„Jeden Tag das Beste geben!“

p395289 NEUNsight Oktober 2018

Mit diesem einfachen Satz bringt Werner Hinze, Maître und Sommelier im Konstanzer 2-Sterne-Restaurant Ophelia, seine Leidenschaft für exquisiten Wein und Genuss auf den Punkt. Seit nunmehr neun Jahren führt er das Serviceteam an und unterstützt höchst erfolgreich die Küchenmannschaft um Chefkoch Dirk Hoberg. Die NEUNsight hat Werner Hinze besucht und einen Einblick in die Arbeit eines Sommeliers und Maître bekommen.

Werner Hinze schmunzelt leicht, als die Frage gestellt wird, ob es schwierig für ihn war oder noch immer ist, die passenden Weine zu den exklusiven und an Aromen reichen Gerichten der 2-Sterne-Küche auszusuchen. „Anfangs viel es mir schwerer, aber schnell wurde der eigene Stil der Küche klar“, so der seit dem Beginn im 2009 zur Gründungsmannschaft zählende Maître. „Ich bin frühzeitig über neue Gerichte informiert, probiere diese vor allen Gästen und kann daher in Ruhe den passenden Wein dazu aussuchen.“

Vertrauen in Empfehlungen

Dass er den Geschmack zielsicher trifft, zeigt auch, dass rund 60 Prozent seiner Gäste der Weinempfehlung des Sommeliers Hinze vertrauen und zum Menü eine von ihm ausgesuchte Weinbegleitung bestellen. Die Weine des Hauses, immerhin 450 verschiedene Partien, sind zudem persönlich ausgesucht und von im wahrsten Sinne des Wortes „ausgezeichneter Qualität“. So dominieren bei den Weinen die sogenannten „Großen Gewächse“, die hochwertigsten trockenen Qualitätsweine von ausgesuchten Weingütern, die Mitglied im Verband Deutscher Prädikats- und Qualitätsweingüter (VDP) oder Mitglied im Bernkastler Ring sind.

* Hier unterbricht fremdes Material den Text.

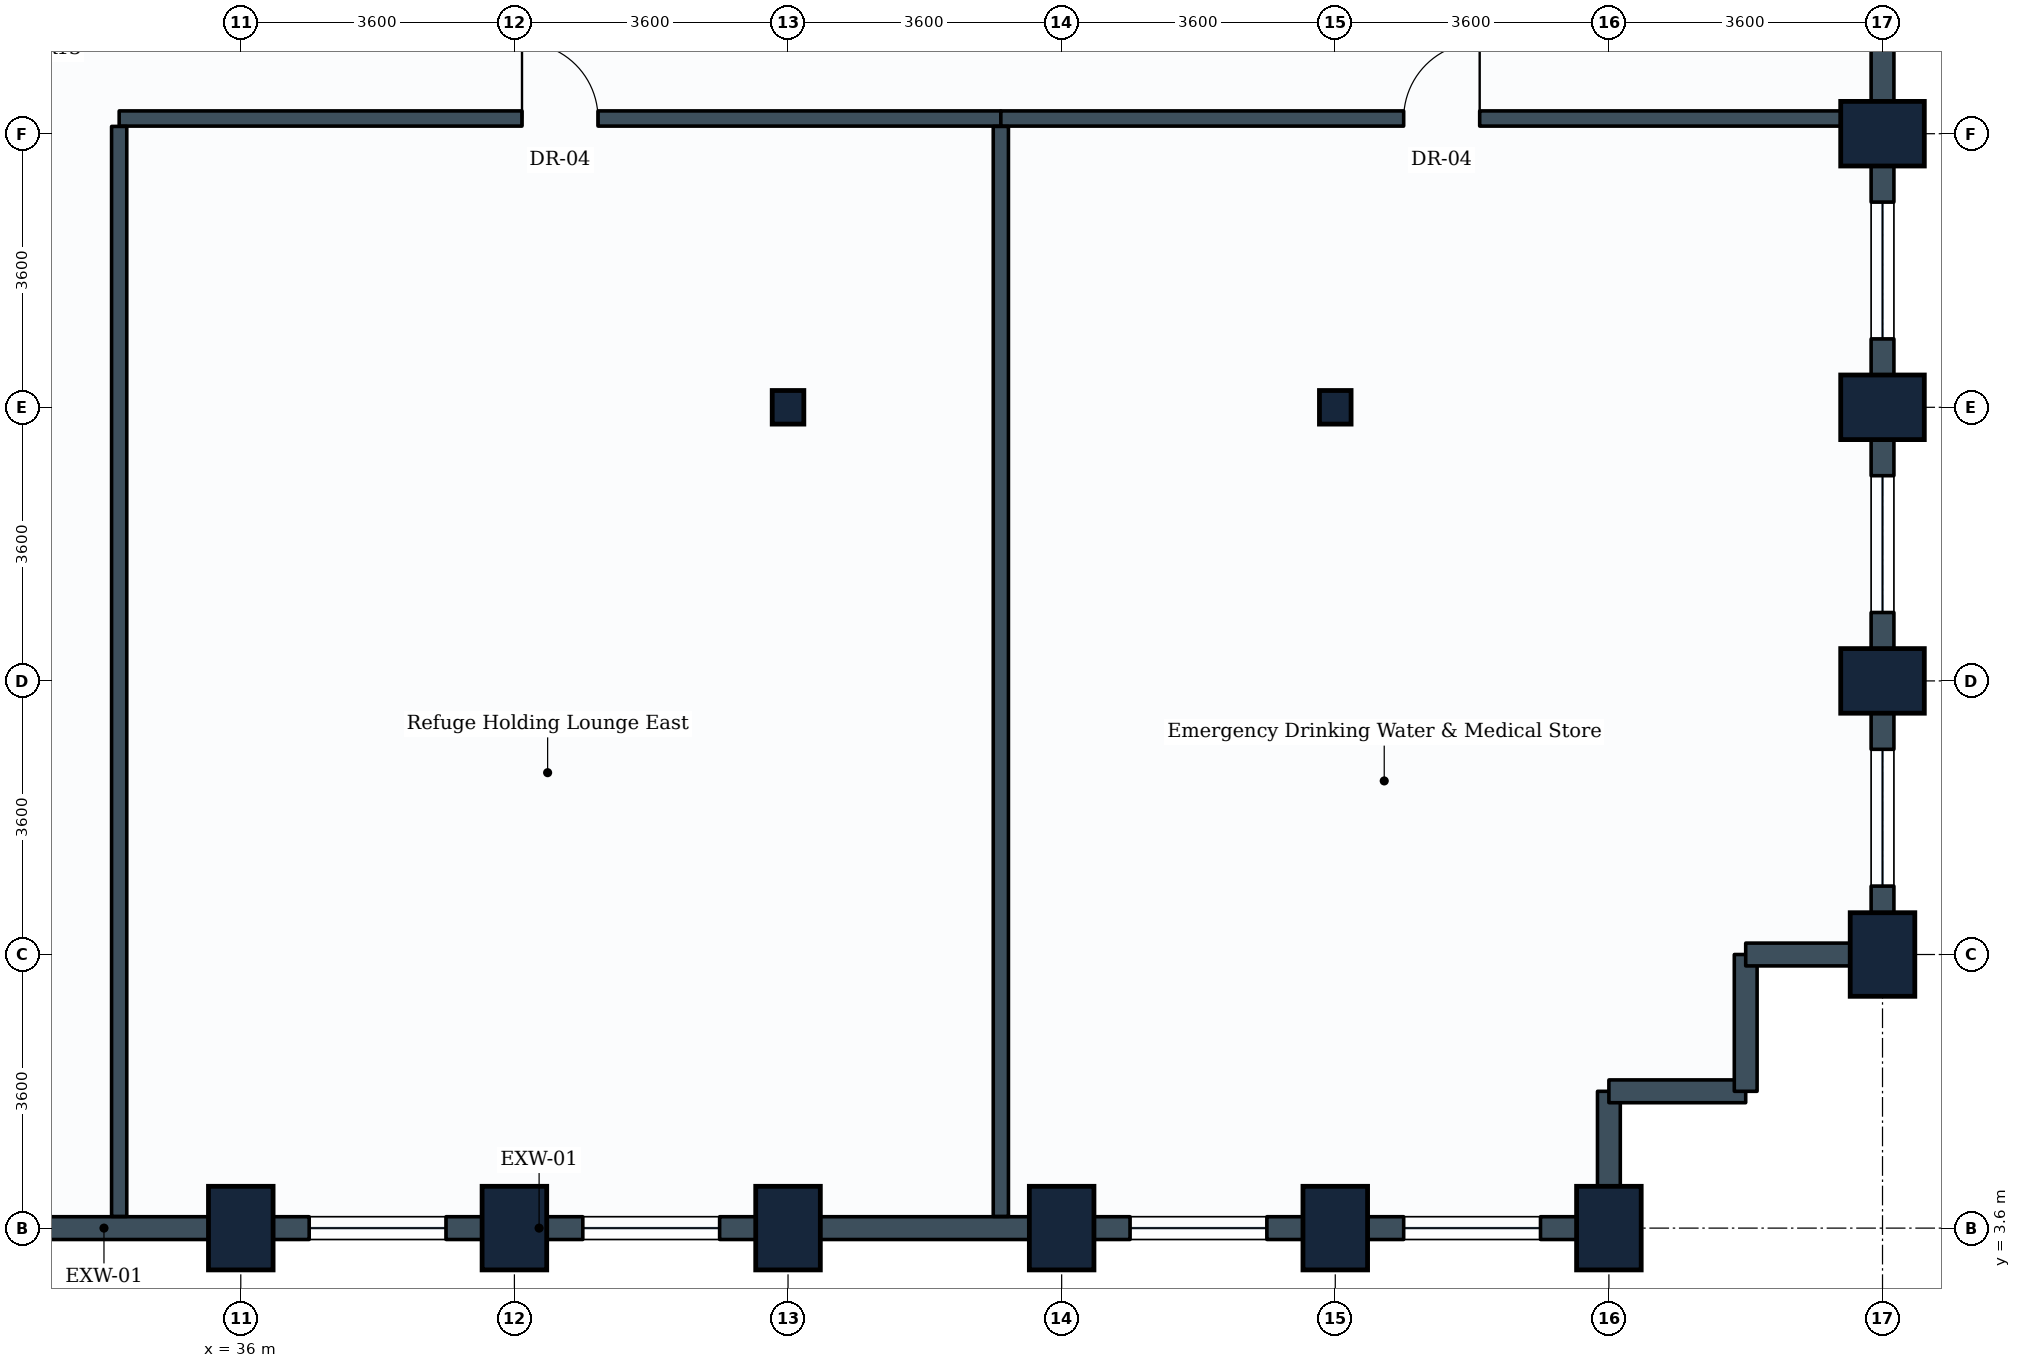
"""IFC4 building model, lengths in metres.
Left out: names, types, materials, properties, quantities, classifications, styles, units other than length and angle.
Written with IfcOpenShell. Run it as: python <this file> out.ifc"""

import sys

from ifc_helpers import new_model, si_unit, direction, frame, frame_2d, origin, origin_2d, place, context, subcontext, project, spatial, rectangle, i_section, extrude, element, fill, save


model = new_model("IFC4")
c1 = context("Model", 3, precision=1e-05, world=origin(), true_north=direction((0.0, 1.0)))
c2 = subcontext(c1, "Body", "Model", "MODEL_VIEW")
j1 = project(units=[si_unit("LENGTHUNIT", "METRE"), si_unit("PLANEANGLEUNIT", "RADIAN")], contexts=[c1])
p1 = place(None, origin())
s1 = spatial("IfcSite", under=j1, at=p1, CompositionType="ELEMENT")
p2 = place(p1, origin())
s2 = spatial("IfcBuilding", under=s1, at=p2, CompositionType="ELEMENT")
p3 = place(p2, frame((0.0, 0.0, 120.0)))
s3 = spatial("IfcBuildingStorey", under=s2, at=p3, CompositionType="ELEMENT", Elevation=120.0)
for number, where, z_axis, x_axis in (
    (1, (36.0, 3.6, 0.0), (0.0, 0.0, 1.0), (1.0, 0.0, 0.0)),
    (2, (39.6, 3.6, 0.0), (0.0, 0.0, 1.0), (1.0, 0.0, 0.0)),
    (3, (43.2, 3.6, 0.0), (0.0, 0.0, 1.0), (1.0, 0.0, 0.0)),
):
    element("IfcColumn", number, at=place(p3, frame(where, z_axis=z_axis, x_axis=x_axis)), inside=s3, PredefinedType="COLUMN", context=c2, shape_type="SweptSolid", body=[
        extrude(rectangle(XDim=0.85, YDim=1.1, at=origin_2d()), origin(), (0.0, 0.0, 1.0), 3.8),
    ])
p4 = place(p3, frame((43.2, 14.4, 0.0), z_axis=(0.0, 0.0, 1.0), x_axis=(1.0, 0.0, 0.0)))
e4 = element("IfcColumn", 4, at=p4, inside=s3, PredefinedType="COLUMN", context=c2, shape_type="SweptSolid", body=[
    extrude(i_section(OverallWidth=0.416, OverallDepth=0.442, WebThickness=0.025, FlangeThickness=0.041, FilletRadius=0.015, at=origin_2d()), origin(), (0.0, 0.0, 1.0), 3.8),
])
for number, where, z_axis, x_axis in (
    (5, (46.8, 3.6, 0.0), (0.0, 0.0, 1.0), (1.0, 0.0, 0.0)),
    (6, (50.4, 3.6, 0.0), (0.0, 0.0, 1.0), (1.0, 0.0, 0.0)),
):
    element("IfcColumn", number, at=place(p3, frame(where, z_axis=z_axis, x_axis=x_axis)), inside=s3, PredefinedType="COLUMN", context=c2, shape_type="SweptSolid", body=[
        extrude(rectangle(XDim=0.85, YDim=1.1, at=origin_2d()), origin(), (0.0, 0.0, 1.0), 3.8),
    ])
p5 = place(p3, frame((50.4, 14.4, 0.0), z_axis=(0.0, 0.0, 1.0), x_axis=(1.0, 0.0, 0.0)))
e7 = element("IfcColumn", 7, at=p5, inside=s3, PredefinedType="COLUMN", context=c2, shape_type="SweptSolid", body=[
    extrude(i_section(OverallWidth=0.416, OverallDepth=0.442, WebThickness=0.025, FlangeThickness=0.041, FilletRadius=0.015, at=origin_2d()), origin(), (0.0, 0.0, 1.0), 3.8),
])
for number, where, z_axis, x_axis in (
    (8, (54.0, 3.6, 0.0), (0.0, 0.0, 1.0), (1.0, 0.0, 0.0)),
    (9, (57.6, 7.2, 0.0), (0.0, 0.0, 1.0), (1.0, 0.0, 0.0)),
    (10, (57.6, 10.8, 0.0), (0.0, 0.0, 1.0), (0.0, 1.0, 0.0)),
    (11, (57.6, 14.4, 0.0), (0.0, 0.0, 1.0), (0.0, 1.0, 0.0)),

Deutsche Weine auf dem Vormarsch

Ohnehin stellt Werner Hinze den deutschen Winzern ein hervorragendes Zeugnis aus. „Die deutschen Winzer und ihre Weine haben sich ihre internationalen Meriten gründlich verdient“, so Werner Hinze. „Deutsche Riesling-Weine sind die Nummer 1 in der Welt und haben diese Wertschätzung durch die gute Arbeit der Winzer erhalten“, so der vor neun Jahren an den Bodensee gekommene Sommelier. Seine umfangreichen Erfahrungen hat Werner Hinze im Münchner Königshof von 1995 bis 1999 sammeln dürfen. Vor seinem Konstanzer Engagement lagen noch Stationen bei Gordon Ramsay und im The Ritz Hotel in London, dem Brandenburger Hof, Berlin, und dem Schlosshotel Kronberg.

Weine haben Geschichte(n)

Im Weinkeller der Ophelia in Konstanz dominiert kein regionaler Fokus. Obwohl sich die Schwerpunkte verlagert haben. Weine aus der Bodenseeregion haben zwar den größten Anteil des Weinbestandes, diese werden durch die bereits genannten deutschen Großen Gewächse und mit europäischen Spitzenweinen ergänzt. Das so manches erlesene  „Schätzchen“ sich im Weinkeller befindet ist nicht zuletzt auf die guten Beziehungen des Sommeliers zu Winzern in ganz Europa zu verdanken. Auf seinen Reisen erfährt Werner Hinze neben den Charakteristiken der probierten Weine auch die ein oder andere Geschichte des Weins, seines Winzers und der Region. „Diese Informationen gebe ich gern an unsere Gäste weiter, die sich sehr für solche Geschichten hinter dem eigentlichen Wein interessieren“, so der Maître.

Ein Duo der Spitzenklasse

Dass die Ophelia den Ruf genießt, zu den besten Gourmet-Restaurants in Deutschland zu zählen, ist sicher auch Werner Hinze zu verdanken, der sich mit seiner Service-Mannschaft wohltuend im Hintergrund hält. Das Prädikat „unaufdringlich“ ist für ihn eine Auszeichnung wie ein perfekter Service, der die Grundlage solcher Bewertungen ist. In der Kombination von Küchenchef Dirk Hoberg und Maître Werner Hinze ist über die Jahre ein Spitzen-Duo gewachsen, das ihre Gäste auf noch so manche positive Überraschung hoffen lassen kann.